University of the south pacific
School of engineering and physics
CV211 solid mechanics 1
Lab 2: Calculate forces in a simple cantilever truss and the modulus of elasticity of
a specimen (i.e. mild steel) using strain gauge
Lab session: Friday 5-8pm
Name: Torilofa Javin
ID: s11152656
Aim
This experiment is designed to learn about elasticity, strain gauges, modulus, and force computation.
Introduction
Trusses are structures composed of several structural parts joined together at pin joints or nodes. In
principle, pin joints are hinges since they offer no resistance to rotation. In practice, however, this is not
always the case. A truss' members are predominantly axially loaded, which is advantageous. This might
indicate that they are in tension, compression, or zero-force. Because of this, trusses are an extremely
efficient structural structure. [1]
applied Stress (σ) = applied force (F) / Area of application (A)

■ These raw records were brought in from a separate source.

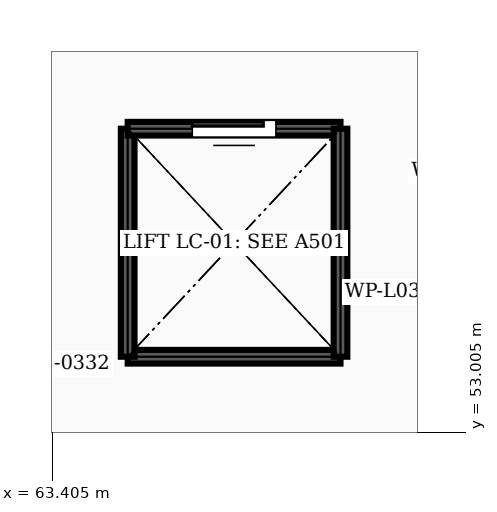
"""IFC4 building model, lengths in metres.
Left out: names, types, materials, properties, quantities, classifications, styles, units other than length and angle.
Written with IfcOpenShell. Run it as: python <this file> out.ifc"""

import sys

from ifc_helpers import new_model, si_unit, direction, frame, frame_2d, origin, place, context, subcontext, project, spatial, rectangle, extrude, element, fill, save


model = new_model("IFC4")
c1 = context("Model", 3, precision=1e-05, world=origin(), true_north=direction((0.0, 1.0)))
c2 = subcontext(c1, "Body", "Model", "MODEL_VIEW")
j1 = project(units=[si_unit("LENGTHUNIT", "METRE"), si_unit("PLANEANGLEUNIT", "RADIAN")], contexts=[c1])
p1 = place(None, origin())
s1 = spatial("IfcSite", under=j1, at=p1, CompositionType="ELEMENT")
p2 = place(p1, origin())
s2 = spatial("IfcBuilding", under=s1, at=p2, CompositionType="ELEMENT")
p3 = place(p2, frame((0.0, 0.0, 12.3)))
s3 = spatial("IfcBuildingStorey", under=s2, at=p3, CompositionType="ELEMENT", Elevation=12.3)
p4 = place(p3, frame((67.2, 54.0, 0.0), z_axis=(0.0, 0.0, 1.0), x_axis=(-1.0, 0.0, 0.0)))
e1 = element("IfcWall", 1, at=p4, inside=s3, PredefinedType="SHEAR", context=c2, shape_type="SweptSolid", body=[
    extrude(rectangle(XDim=2.8, YDim=0.18, at=frame_2d((1.4, 0.0))), origin(), (0.0, 0.0, 1.0), 3.59),
])
p5 = place(p3, frame((64.4, 54.0, 0.0), z_axis=(0.0, 0.0, 1.0), x_axis=(0.0, 1.0, 0.0)))
e2 = element("IfcWall", 2, at=p5, inside=s3, PredefinedType="SHEAR", context=c2, shape_type="SweptSolid", body=[
    extrude(rectangle(XDim=3.0, YDim=0.18, at=frame_2d((1.5, 0.0))), origin(), (0.0, 0.0, 1.0), 3.59),
])
p6 = place(p3, frame((64.4, 57.0, 0.0), z_axis=(0.0, 0.0, 1.0), x_axis=(1.0, 0.0, 0.0)))
e3 = element("IfcWall", 3, at=p6, inside=s3, PredefinedType="SHEAR", context=c2, shape_type="SweptSolid", body=[
    extrude(rectangle(XDim=2.8, YDim=0.18, at=frame_2d((1.4, 0.0))), origin(), (0.0, 0.0, 1.0), 3.59),
])
p7 = place(p6, frame((0.85, 0.0, 0.0)))
e4 = element("IfcOpeningElement", 4, at=p7, cuts=e3, PredefinedType="OPENING", context=c2, shape_type="SweptSolid", body=[
    extrude(rectangle(XDim=1.1, YDim=2.15, at=frame_2d((0.55, 1.075))), frame((0.0, 0.1, 0.0), z_axis=(0.0, -1.0, 0.0), x_axis=(1.0, 0.0, 0.0)), (0.0, 0.0, 1.0), 0.2),
])
p8 = place(p3, frame((67.2, 57.0, 0.0), z_axis=(0.0, 0.0, 1.0), x_axis=(0.0, -1.0, 0.0)))
e5 = element("IfcWall", 5, at=p8, inside=s3, PredefinedType="SHEAR", context=c2, shape_type="SweptSolid", body=[
    extrude(rectangle(XDim=3.0, YDim=0.18, at=frame_2d((1.5, 0.0))), origin(), (0.0, 0.0, 1.0), 3.59),
])
p9 = place(p3, frame((68.74, 54.85, 0.0), z_axis=(0.0, 0.0, 1.0), x_axis=(-1.0, 0.0, 0.0)))
e6 = element("IfcWall", 6, at=p9, inside=s3, PredefinedType="PARTITIONING", context=c2, shape_type="SweptSolid", body=[
    extrude(rectangle(XDim=1.24, YDim=0.12, at=frame_2d((0.62, 0.0))), origin(), (0.0, 0.0, 1.0), 3.59),
])
p10 = place(p3, frame((64.1, 53.9, 0.0), z_axis=(0.0, 0.0, 1.0), x_axis=(-1.0, 0.0, 0.0)))
e7 = element("IfcWall", 7, at=p10, inside=s3, PredefinedType="PARTITIONING", context=c2, shape_type="SweptSolid", body=[
    extrude(rectangle(XDim=1.6, YDim=0.135, at=frame_2d((0.8, 0.0))), origin(), (0.0, 0.0, 1.0), 3.59),
])
p11 = place(p7, origin())
e8 = element("IfcDoor", 8, at=p11, inside=s3, OperationType="SLIDING_TO_LEFT", PredefinedType="DOOR", context=c2, shape_type="SweptSolid", body=[
    extrude(rectangle(XDim=1.1, YDim=2.15, at=frame_2d((0.55, 1.075))), frame((0.0, 0.025, 0.0), z_axis=(0.0, -1.0, 0.0), x_axis=(1.0, 0.0, 0.0)), (0.0, 0.0, 1.0), 0.05),
])
fill(e4, e8)
save(model, sys.argv[1])

The amount of applied stress onto a surface area of material can be in (2) forms. The tensile stress where
the stress is a pull on the cross-sectional area of a material or referred to as positive. In addition, the
compressive stress is define as negative as the stress is a push onto an area of material. Where N/m2 is
the unit of stress
Strain is the response of a system to a stressful situation. Stress causes a material to deform when an
amount of force is applied to it. Engineering can be defined as amount of material deformation in the
direction of the applied force divided by the material's original length. This results in a value of one unit
less, which is commonly stated as meters per meter. Amount of the changes in the length divided by the
starting length is the strain in a bar stretched under tension, for example. The strain distribution of a
complicated structural element, such as stress, may or may not be uniform. [2]
Equipment


Loads
SM1009 (strain gauge trainer)
Procedure




A pin joint frame was developed using 45- and 90-degree angles in the framework. Each
framework element had force sensors glued to the surface.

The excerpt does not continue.